How deep does Clausen and Scholze's knowledge of the Neoplatonic tradition run? The formulations “worldly incarnation” and “ghostly appearance” are too specific to be coincidental. An investigation of earlier manuscripts and correspondence could reveal further connections.
Is there a formal framework that describes structural analogies between mathematical objects and philosophical concepts precisely — beyond metaphorical similarity, but without categorical fallacies? The model conflict in ADV-4 shows that without such a framework, the answer to “what constitutes structural resonance” depends on the evaluation criteria of the respective model.

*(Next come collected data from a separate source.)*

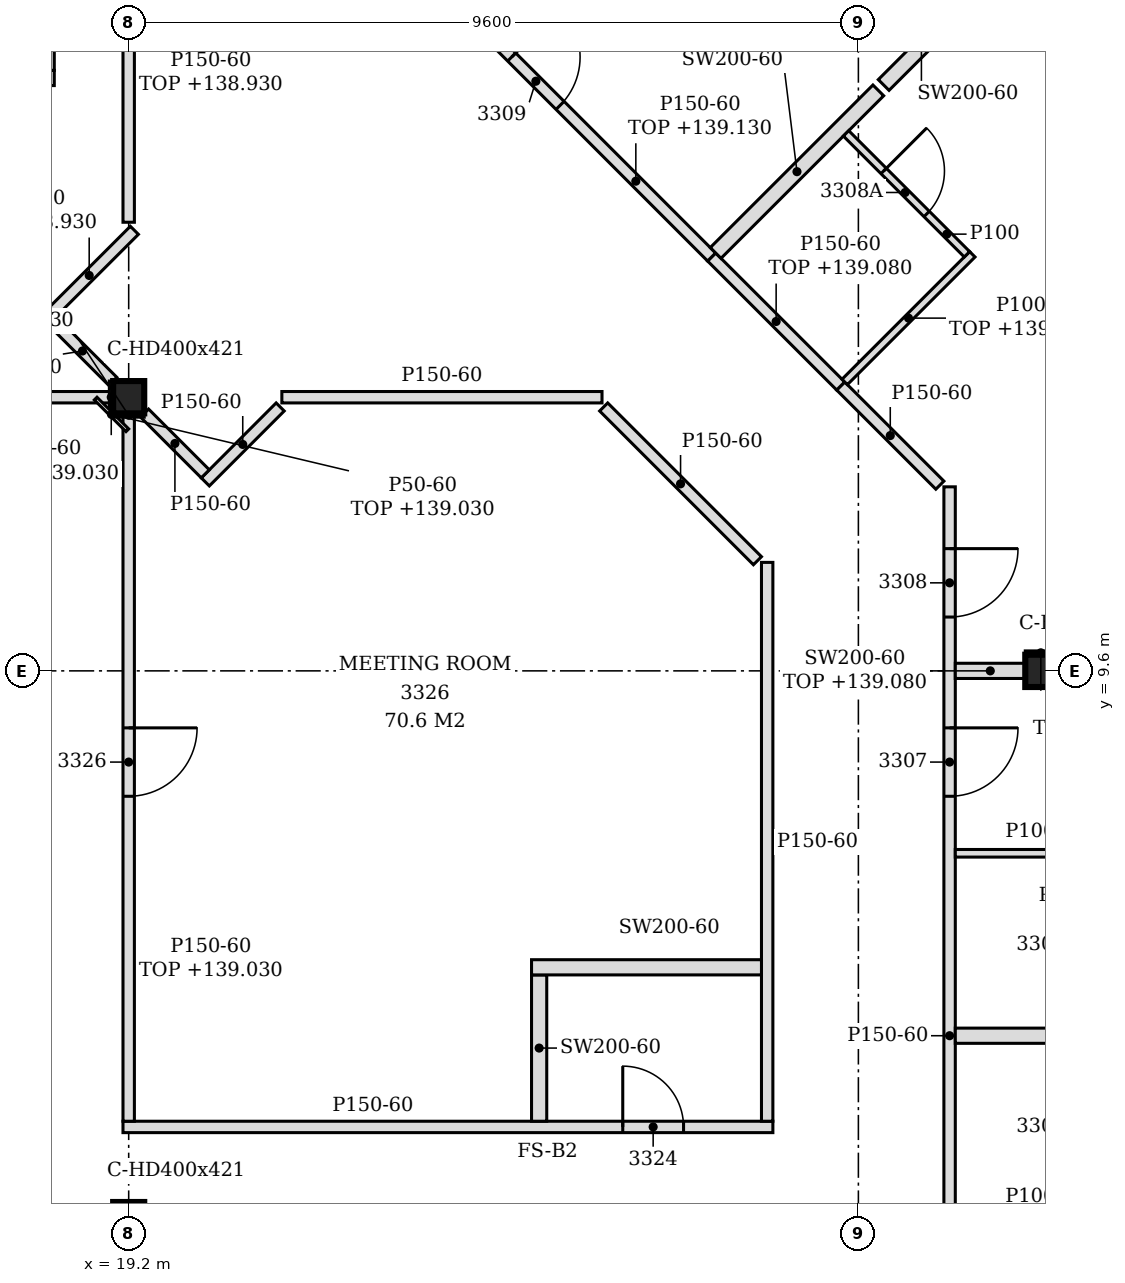
"""IFC4 building model, lengths in metres.
Left out: names, types, materials, properties, quantities, classifications, styles, units other than length and angle.
Written with IfcOpenShell. Run it as: python <this file> out.ifc"""

import sys

from ifc_helpers import new_model, si_unit, direction, frame, frame_2d, origin, origin_2d, place, context, subcontext, project, spatial, polyline, rectangle, i_section, outline, extrude, element, fill, save


model = new_model("IFC4")
c1 = context("Model", 3, precision=1e-05, world=origin(), true_north=direction((0.0, 1.0)))
c2 = subcontext(c1, "Body", "Model", "MODEL_VIEW")
j1 = project(units=[si_unit("LENGTHUNIT", "METRE"), si_unit("PLANEANGLEUNIT", "RADIAN")], contexts=[c1])
p1 = place(None, origin())
s1 = spatial("IfcSite", under=j1, at=p1, CompositionType="ELEMENT")
p2 = place(p1, origin())
s2 = spatial("IfcBuilding", under=s1, at=p2, CompositionType="ELEMENT")
p3 = place(p2, frame((0.0, 0.0, 136.2)))
s3 = spatial("IfcBuildingStorey", under=s2, at=p3, CompositionType="ELEMENT", Elevation=136.2)
for number, where, z_axis, x_axis in (
    (1, (19.2, 2.4, -0.15), (0.0, 0.0, 1.0), (1.0, 0.0, 0.0)),
    (2, (19.2, 13.2, -0.15), (0.0, 0.0, 1.0), (1.0, 0.0, 0.0)),
    (3, (31.2, 9.6, -0.15), (0.0, 0.0, 1.0), (1.0, 0.0, 0.0)),
):
    element("IfcColumn", number, at=place(p3, frame(where, z_axis=z_axis, x_axis=x_axis)), inside=s3, PredefinedType="COLUMN", context=c2, shape_type="SweptSolid", body=[
        extrude(i_section(OverallWidth=0.409, OverallDepth=0.425, WebThickness=0.033, FlangeThickness=0.052, FilletRadius=0.015, at=origin_2d()), origin(), (0.0, 0.0, 1.0), 3.6),
    ])
p4 = place(p3, frame((30.0, -0.813, 0.0), z_axis=(0.0, 0.0, 1.0), x_axis=(0.0, 1.0, 0.0)))
e4 = element("IfcWall", 4, at=p4, inside=s3, PredefinedType="PARTITIONING", context=c2, shape_type="SweptSolid", body=[
    extrude(outline(polyline([(0.0, 0.0), (12.834, 0.0), (12.834, 3.45), (10.518, 3.45), (10.516, 2.88), (10.308, 2.88), (10.306, 3.45), (5.718, 3.45), (5.716, 2.88), (5.508, 2.88), (5.506, 3.45), (0.918, 3.45), (0.916, 2.88), (0.708, 2.88), (0.706, 3.45), (0.0, 3.45), (0.0, 0.0)])), frame((0.0, 0.075, 0.0), z_axis=(0.0, -1.0, 0.0), x_axis=(1.0, 0.0, 0.0)), (0.0, 0.0, 1.0), 0.15),
])
p5 = place(p4, frame((1.563, 0.0, 0.0)))
e5 = element("IfcOpeningElement", 5, at=p5, cuts=e4, PredefinedType="OPENING", context=c2, shape_type="SweptSolid", body=[
    extrude(rectangle(XDim=0.9, YDim=2.1, at=frame_2d((0.45, 1.05))), frame((0.0, 0.085, 0.0), z_axis=(0.0, -1.0, 0.0), x_axis=(1.0, 0.0, 0.0)), (0.0, 0.0, 1.0), 0.17),
])
p6 = place(p4, frame((8.763, 0.0, 0.0)))
e6 = element("IfcOpeningElement", 6, at=p6, cuts=e4, PredefinedType="OPENING", context=c2, shape_type="SweptSolid", body=[
    extrude(rectangle(XDim=0.9, YDim=2.1, at=frame_2d((0.45, 1.05))), frame((0.0, 0.085, 0.0), z_axis=(0.0, -1.0, 0.0), x_axis=(1.0, 0.0, 0.0)), (0.0, 0.0, 1.0), 0.17),
])
p7 = place(p4, frame((11.121, 0.0, 0.0)))
e7 = element("IfcOpeningElement", 7, at=p7, cuts=e4, PredefinedType="OPENING", context=c2, shape_type="SweptSolid", body=[
    extrude(rectangle(XDim=0.9, YDim=2.1, at=frame_2d((0.45, 1.05))), frame((0.0, 0.085, 0.0), z_axis=(0.0, -1.0, 0.0), x_axis=(1.0, 0.0, 0.0)), (0.0, 0.0, 1.0), 0.17),
])
p8 = place(p3, frame((19.125, 3.6, 0.0), z_axis=(0.0, 0.0, 1.0), x_axis=(1.0, 0.0, 0.0)))
e8 = element("IfcWall", 8, at=p8, inside=s3, PredefinedType="PARTITIONING", context=c2, shape_type="SweptSolid", body=[
    extrude(outline(polyline([(0.0, 0.0), (8.55, 0.0), (8.55, 3.45), (0.225, 3.45), (0.223, 2.83), (0.0, 2.83), (0.0, 0.0)])), frame((0.0, 0.075, 0.0), z_axis=(0.0, -1.0, 0.0), x_axis=(1.0, 0.0, 0.0)), (0.0, 0.0, 1.0), 0.15),
])
p9 = place(p8, frame((6.575, 0.0, 0.0)))
e9 = element("IfcOpeningElement", 9, at=p9, cuts=e8, PredefinedType="OPENING", context=c2, shape_type="SweptSolid", body=[
    extrude(rectangle(XDim=0.8, YDim=2.1, at=frame_2d((0.4, 1.05))), frame((0.0, 0.085, 0.0), z_axis=(0.0, -1.0, 0.0), x_axis=(1.0, 0.0, 0.0)), (0.0, 0.0, 1.0), 0.17),
])
p10 = place(p3, frame((19.2, 3.675, 0.0), z_axis=(0.0, 0.0, 1.0), x_axis=(0.0, 1.0, 0.0)))
e10 = element("IfcWall", 10, at=p10, inside=s3, PredefinedType="PARTITIONING", context=c2, shape_type="SweptSolid", body=[
    extrude(rectangle(XDim=9.312, YDim=0.15, at=frame_2d((4.656, 0.0))), origin(), (0.0, 0.0, 1.0), 2.83),
])
p11 = place(p10, frame((4.275, 0.0, 0.0)))
e11 = element("IfcOpeningElement", 11, at=p11, cuts=e10, PredefinedType="OPENING", context=c2, shape_type="SweptSolid", body=[
    extrude(rectangle(XDim=0.9, YDim=2.1, at=frame_2d((0.45, 1.05))), frame((0.0, 0.085, 0.0), z_axis=(0.0, -1.0, 0.0), x_axis=(1.0, 0.0, 0.0)), (0.0, 0.0, 1.0), 0.17),
])
p12 = place(p3, frame((24.6, 3.675, 0.0), z_axis=(0.0, 0.0, 1.0), x_axis=(0.0, 1.0, 0.0)))
e12 = element("IfcWall", 12, at=p12, inside=s3, PredefinedType="PARTITIONING", context=c2, shape_type="SweptSolid", body=[
    extrude(outline(polyline([(0.0, 0.0), (1.925, 0.0), (1.925, 3.45), (1.23, 3.45), (1.228, 2.88), (1.02, 2.88), (1.018, 3.45), (0.0, 3.45), (0.0, 0.0)])), frame((0.0, 0.1, 0.0), z_axis=(0.0, -1.0, 0.0), x_axis=(1.0, 0.0, 0.0)), (0.0, 0.0, 1.0), 0.2),
])
p13 = place(p3, frame((27.6, 3.675, 0.0), z_axis=(0.0, 0.0, 1.0), x_axis=(0.0, 1.0, 0.0)))
e13 = element("IfcWall", 13, at=p13, inside=s3, PredefinedType="PARTITIONING", context=c2, shape_type="SweptSolid", body=[
    extrude(outline(polyline([(0.0, 0.0), (7.352, 0.0), (7.352, 3.45), (6.03, 3.45), (6.028, 2.88), (5.82, 2.88), (5.818, 3.45), (1.23, 3.45), (1.228, 2.88), (1.02, 2.88), (1.018, 3.45), (0.0, 3.45), (0.0, 0.0)])), frame((0.0, 0.075, 0.0), z_axis=(0.0, -1.0, 0.0), x_axis=(1.0, 0.0, 0.0)), (0.0, 0.0, 1.0), 0.15),
])
p14 = place(p3, frame((30.075, 4.8, 0.0), z_axis=(0.0, 0.0, 1.0), x_axis=(1.0, 0.0, 0.0)))
e14 = element("IfcWall", 14, at=p14, inside=s3, PredefinedType="PARTITIONING", context=c2, shape_type="SweptSolid", body=[
    extrude(rectangle(XDim=4.675, YDim=0.2, at=frame_2d((2.337, 0.0))), origin(), (0.0, 0.0, 1.0), 2.88),
])
p15 = place(p3, frame((24.5, 5.7, 0.0), z_axis=(0.0, 0.0, 1.0), x_axis=(1.0, 0.0, 0.0)))
e15 = element("IfcWall", 15, at=p15, inside=s3, PredefinedType="PARTITIONING", context=c2, shape_type="SweptSolid", body=[
    extrude(rectangle(XDim=3.025, YDim=0.2, at=frame_2d((1.512, 0.0))), origin(), (0.0, 0.0, 1.0), 3.45),
])
p16 = place(p3, frame((30.075, 7.2, 0.0), z_axis=(0.0, 0.0, 1.0), x_axis=(1.0, 0.0, 0.0)))
e16 = element("IfcWall", 16, at=p16, inside=s3, PredefinedType="PARTITIONING", context=c2, shape_type="SweptSolid", body=[
    extrude(outline(polyline([(0.0, 0.0), (1.975, 0.0), (1.975, 3.45), (1.275, 3.45), (1.273, 2.93), (0.975, 2.93), (0.973, 3.45), (0.0, 3.45), (0.0, 0.0)])), frame((0.0, 0.05, 0.0), z_axis=(0.0, -1.0, 0.0), x_axis=(1.0, 0.0, 0.0)), (0.0, 0.0, 1.0), 0.1),
])
p17 = place(p3, frame((30.075, 9.6, 0.0), z_axis=(0.0, 0.0, 1.0), x_axis=(1.0, 0.0, 0.0)))
e17 = element("IfcWall", 17, at=p17, inside=s3, PredefinedType="PARTITIONING", context=c2, shape_type="SweptSolid", body=[
    extrude(rectangle(XDim=0.921, YDim=0.2, at=frame_2d((0.46, 0.0))), origin(), (0.0, 0.0, 1.0), 2.88),
])
p18 = place(p3, frame((27.472, 11.049, 0.0), z_axis=(0.0, 0.0, 1.0), x_axis=(-0.707106781187, 0.707106781187, 0.0)))
e18 = element("IfcWall", 18, at=p18, inside=s3, PredefinedType="PARTITIONING", context=c2, shape_type="SweptSolid", body=[
    extrude(rectangle(XDim=2.861, YDim=0.15, at=frame_2d((1.43, 0.0))), origin(), (0.0, 0.0, 1.0), 3.45),
])
p19 = place(p3, frame((29.872, 12.043, 0.0), z_axis=(0.0, 0.0, 1.0), x_axis=(-0.707172918471, 0.707040637716, 0.0)))
e19 = element("IfcWall", 19, at=p19, inside=s3, PredefinedType="PARTITIONING", context=c2, shape_type="SweptSolid", body=[
    extrude(rectangle(XDim=1.846, YDim=0.15, at=frame_2d((0.923, 0.0))), origin(), (0.0, 0.0, 1.0), 3.45),
])
p20 = place(p3, frame((20.208, 12.086, 0.0), z_axis=(0.0, 0.0, 1.0), x_axis=(0.706756381459, 0.707457007363, 0.0)))
e20 = element("IfcWall", 20, at=p20, inside=s3, PredefinedType="PARTITIONING", context=c2, shape_type="SweptSolid", body=[
    extrude(rectangle(XDim=1.394, YDim=0.15, at=frame_2d((0.697, 0.0))), origin(), (0.0, 0.0, 1.0), 3.45),
])
p21 = place(p3, frame((20.208, 12.192, 0.0), z_axis=(0.0, 0.0, 1.0), x_axis=(-0.70721474466, 0.706998801226, 0.0)))
e21 = element("IfcWall", 21, at=p21, inside=s3, PredefinedType="PARTITIONING", context=c2, shape_type="SweptSolid", body=[
    extrude(rectangle(XDim=1.131, YDim=0.15, at=frame_2d((0.565, 0.0))), origin(), (0.0, 0.0, 1.0), 3.45),
])
p22 = place(p3, frame((7.405, 13.2, 0.0), z_axis=(0.0, 0.0, 1.0), x_axis=(1.0, 0.0, 0.0)))
e22 = element("IfcWall", 22, at=p22, inside=s3, PredefinedType="PARTITIONING", context=c2, shape_type="SweptSolid", body=[
    extrude(rectangle(XDim=11.591, YDim=0.15, at=frame_2d((5.795, 0.0))), origin(), (0.0, 0.0, 1.0), 2.83),
])
p23 = place(p22, frame((5.345, 0.0, 0.0)))
e23 = element("IfcOpeningElement", 23, at=p23, cuts=e22, PredefinedType="OPENING", context=c2, shape_type="SweptSolid", body=[
    extrude(rectangle(XDim=0.9, YDim=2.1, at=frame_2d((0.45, 1.05))), frame((0.0, 0.085, 0.0), z_axis=(0.0, -1.0, 0.0), x_axis=(1.0, 0.0, 0.0)), (0.0, 0.0, 1.0), 0.17),
])
p24 = place(p3, frame((21.215, 13.2, 0.0), z_axis=(0.0, 0.0, 1.0), x_axis=(1.0, 0.0, 0.0)))
e24 = element("IfcWall", 24, at=p24, inside=s3, PredefinedType="PARTITIONING", context=c2, shape_type="SweptSolid", body=[
    extrude(rectangle(XDim=4.212, YDim=0.15, at=frame_2d((2.106, 0.0))), origin(), (0.0, 0.0, 1.0), 3.45),
])
p25 = place(p3, frame((28.567, 13.348, 0.0), z_axis=(0.0, 0.0, 1.0), x_axis=(-0.707310148094, 0.706903355773, 0.0)))
e25 = element("IfcWall", 25, at=p25, inside=s3, PredefinedType="PARTITIONING", context=c2, shape_type="SweptSolid", body=[
    extrude(rectangle(XDim=2.401, YDim=0.15, at=frame_2d((1.2, 0.0))), origin(), (0.0, 0.0, 1.0), 2.88),
])
p26 = place(p3, frame((18.991, 13.408, 0.0), z_axis=(0.0, 0.0, 1.0), x_axis=(-0.706998801226, 0.70721474466, 0.0)))
e26 = element("IfcWall", 26, at=p26, inside=s3, PredefinedType="PARTITIONING", context=c2, shape_type="SweptSolid", body=[
    extrude(rectangle(XDim=1.131, YDim=0.15, at=frame_2d((0.565, 0.0))), origin(), (0.0, 0.0, 1.0), 3.45),
])
p27 = place(p3, frame((28.62, 13.401, 0.0), z_axis=(0.0, 0.0, 1.0), x_axis=(0.707055379538, 0.707158179099, 0.0)))
e27 = element("IfcWall", 27, at=p27, inside=s3, PredefinedType="PARTITIONING", context=c2, shape_type="SweptSolid", body=[
    extrude(rectangle(XDim=2.375, YDim=0.1, at=frame_2d((1.188, 0.0))), origin(), (0.0, 0.0, 1.0), 2.88),
])
p28 = place(p3, frame((18.086, 14.208, 0.0), z_axis=(0.0, 0.0, 1.0), x_axis=(0.70739723372, 0.706816209298, 0.0)))
e28 = element("IfcWall", 28, at=p28, inside=s3, PredefinedType="PARTITIONING", context=c2, shape_type="SweptSolid", body=[
    extrude(rectangle(XDim=1.681, YDim=0.15, at=frame_2d((0.84, 0.0))), origin(), (0.0, 0.0, 1.0), 2.73),
])
p29 = place(p3, frame((26.869, 15.045, 0.0), z_axis=(0.0, 0.0, 1.0), x_axis=(-0.707013447311, 0.707200102744, 0.0)))
e29 = element("IfcWall", 29, at=p29, inside=s3, PredefinedType="PARTITIONING", context=c2, shape_type="SweptSolid", body=[
    extrude(rectangle(XDim=6.54, YDim=0.15, at=frame_2d((3.27, 0.0))), origin(), (0.0, 0.0, 1.0), 2.93),
])
p30 = place(p29, frame((2.82, 0.0, 0.0)))
e30 = element("IfcOpeningElement", 30, at=p30, cuts=e29, PredefinedType="OPENING", context=c2, shape_type="SweptSolid", body=[
    extrude(rectangle(XDim=0.9, YDim=2.1, at=frame_2d((0.45, 1.05))), frame((0.0, 0.085, 0.0), z_axis=(0.0, -1.0, 0.0), x_axis=(1.0, 0.0, 0.0)), (0.0, 0.0, 1.0), 0.17),
])
p31 = place(p3, frame((26.922, 15.098, 0.0), z_axis=(0.0, 0.0, 1.0), x_axis=(0.707268147401, 0.706945378138, 0.0)))
e31 = element("IfcWall", 31, at=p31, inside=s3, PredefinedType="PARTITIONING", context=c2, shape_type="SweptSolid", body=[
    extrude(rectangle(XDim=3.026, YDim=0.2, at=frame_2d((1.513, 0.0))), origin(), (0.0, 0.0, 1.0), 3.45),
])
p32 = place(p3, frame((30.229, 15.08, 0.0), z_axis=(0.0, 0.0, 1.0), x_axis=(-0.707052524, 0.70716103421, 0.0)))
e32 = element("IfcWall", 32, at=p32, inside=s3, PredefinedType="PARTITIONING", context=c2, shape_type="SweptSolid", body=[
    extrude(rectangle(XDim=2.25, YDim=0.1, at=frame_2d((1.125, 0.0))), origin(), (0.0, 0.0, 1.0), 3.45),
])
p33 = place(p32, frame((0.75, 0.0, 0.0)))
e33 = element("IfcOpeningElement", 33, at=p33, cuts=e32, PredefinedType="OPENING", context=c2, shape_type="SweptSolid", body=[
    extrude(rectangle(XDim=0.8, YDim=2.1, at=frame_2d((0.4, 1.05))), frame((0.0, 0.06, 0.0), z_axis=(0.0, -1.0, 0.0), x_axis=(1.0, 0.0, 0.0)), (0.0, 0.0, 1.0), 0.12),
])
p34 = place(p3, frame((19.2, 15.502, 0.0), z_axis=(0.0, 0.0, 1.0), x_axis=(0.0, 1.0, 0.0)))
e34 = element("IfcWall", 34, at=p34, inside=s3, PredefinedType="PARTITIONING", context=c2, shape_type="SweptSolid", body=[
    extrude(rectangle(XDim=3.925, YDim=0.15, at=frame_2d((1.962, 0.0))), origin(), (0.0, 0.0, 1.0), 2.73),
])
p35 = place(p3, frame((29.133, 17.308, 0.0), z_axis=(0.0, 0.0, 1.0), x_axis=(0.70693298083, 0.707280538835, 0.0)))
e35 = element("IfcWall", 35, at=p35, inside=s3, PredefinedType="PARTITIONING", context=c2, shape_type="SweptSolid", body=[
    extrude(rectangle(XDim=1.405, YDim=0.2, at=frame_2d((0.702, 0.0))), origin(), (0.0, 0.0, 1.0), 3.45),
])
p36 = place(p3, frame((15.021, 17.4, 0.0), z_axis=(0.0, 0.0, 1.0), x_axis=(1.0, 0.0, 0.0)))
e36 = element("IfcWall", 36, at=p36, inside=s3, PredefinedType="PARTITIONING", context=c2, shape_type="SweptSolid", body=[
    extrude(rectangle(XDim=3.2, YDim=0.2, at=frame_2d((1.6, 0.0))), origin(), (0.0, 0.0, 1.0), 3.45),
])
p37 = place(p3, frame((18.121, 17.5, 0.0), z_axis=(0.0, 0.0, 1.0), x_axis=(0.0, 1.0, 0.0)))
e37 = element("IfcWall", 37, at=p37, inside=s3, PredefinedType="PARTITIONING", context=c2, shape_type="SweptSolid", body=[
    extrude(outline(polyline([(0.0, 0.0), (3.016, 0.0), (3.016, 3.45), (1.805, 3.45), (1.803, 2.88), (1.595, 2.88), (1.593, 3.45), (0.0, 3.45), (0.0, 0.0)])), frame((0.0, 0.1, 0.0), z_axis=(0.0, -1.0, 0.0), x_axis=(1.0, 0.0, 0.0)), (0.0, 0.0, 1.0), 0.2),
])
p38 = place(p3, frame((18.97, 12.988, 0.0), z_axis=(0.0, 0.0, 1.0), x_axis=(0.0, 1.0, 0.0)))
e38 = element("IfcWall", 38, at=p38, inside=s3, PredefinedType="PARTITIONING", context=c2, shape_type="SweptSolid", body=[
    extrude(rectangle(XDim=0.425, YDim=0.05, at=frame_2d((0.212, 0.0))), origin(), (0.0, 0.0, 1.0), 2.83),
])
p39 = place(p3, frame((30.996, 9.837, 0.0), z_axis=(0.0, 0.0, 1.0), x_axis=(1.0, 0.0, 0.0)))
e39 = element("IfcWall", 39, at=p39, inside=s3, PredefinedType="PARTITIONING", context=c2, shape_type="SweptSolid", body=[
    extrude(rectangle(XDim=0.409, YDim=0.05, at=frame_2d((0.205, 0.0))), origin(), (0.0, 0.0, 1.0), 2.93),
])
p40 = place(p3, frame((19.182, 12.765, 0.0), z_axis=(0.0, 0.0, 1.0), x_axis=(-0.707106781187, 0.707106781187, 0.0)))
e40 = element("IfcWall", 40, at=p40, inside=s3, PredefinedType="PARTITIONING", context=c2, shape_type="SweptSolid", body=[
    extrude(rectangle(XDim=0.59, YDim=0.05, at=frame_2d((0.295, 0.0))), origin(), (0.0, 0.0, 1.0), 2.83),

This is the actual methodological limit of this project.
The project ran entirely locally on a Mac Studio M3 Ultra (256 GB unified memory, 80-core GPU, macOS Sequoia) with Ollama 0.24.0. Models received the complete primary texts as context.
| Model | Role | Parameters |
|---|---|---|
| qwen3:235b-a22b | Terminological archaeology (A1), Neoplatonism analysis (A3), Synthesis | 46K tokens input · num_predict 18K · thinking mode active |
| deepseek-r1:70b | Postnikov computations (B1), π3 problem + adversarial (B2) | 65K context · chain-of-thought · 65K tokens input |
| DSV4-Flash (GGUF) | Planned for full-text ingestion; not used | 153 GB Q4 · GPU memory error at 99K-token KV-cache |
The execution was not without problems: a system crash (GPU memory error with too-large KV-cache), a timeout from too small num_predict with active thinking mode (qwen3 consumed the entire token budget for internal reasoning tokens without visible output — solution: num_predict: 18000), and several syntax errors through mathematical notation in Python f-strings. All problems were diagnosed and resolved. Total model runtime: approximately 4 hours.
All raw results are at /Volumes/CLAUDE-DATA/Anima-Project/ — five .md files with the complete model responses.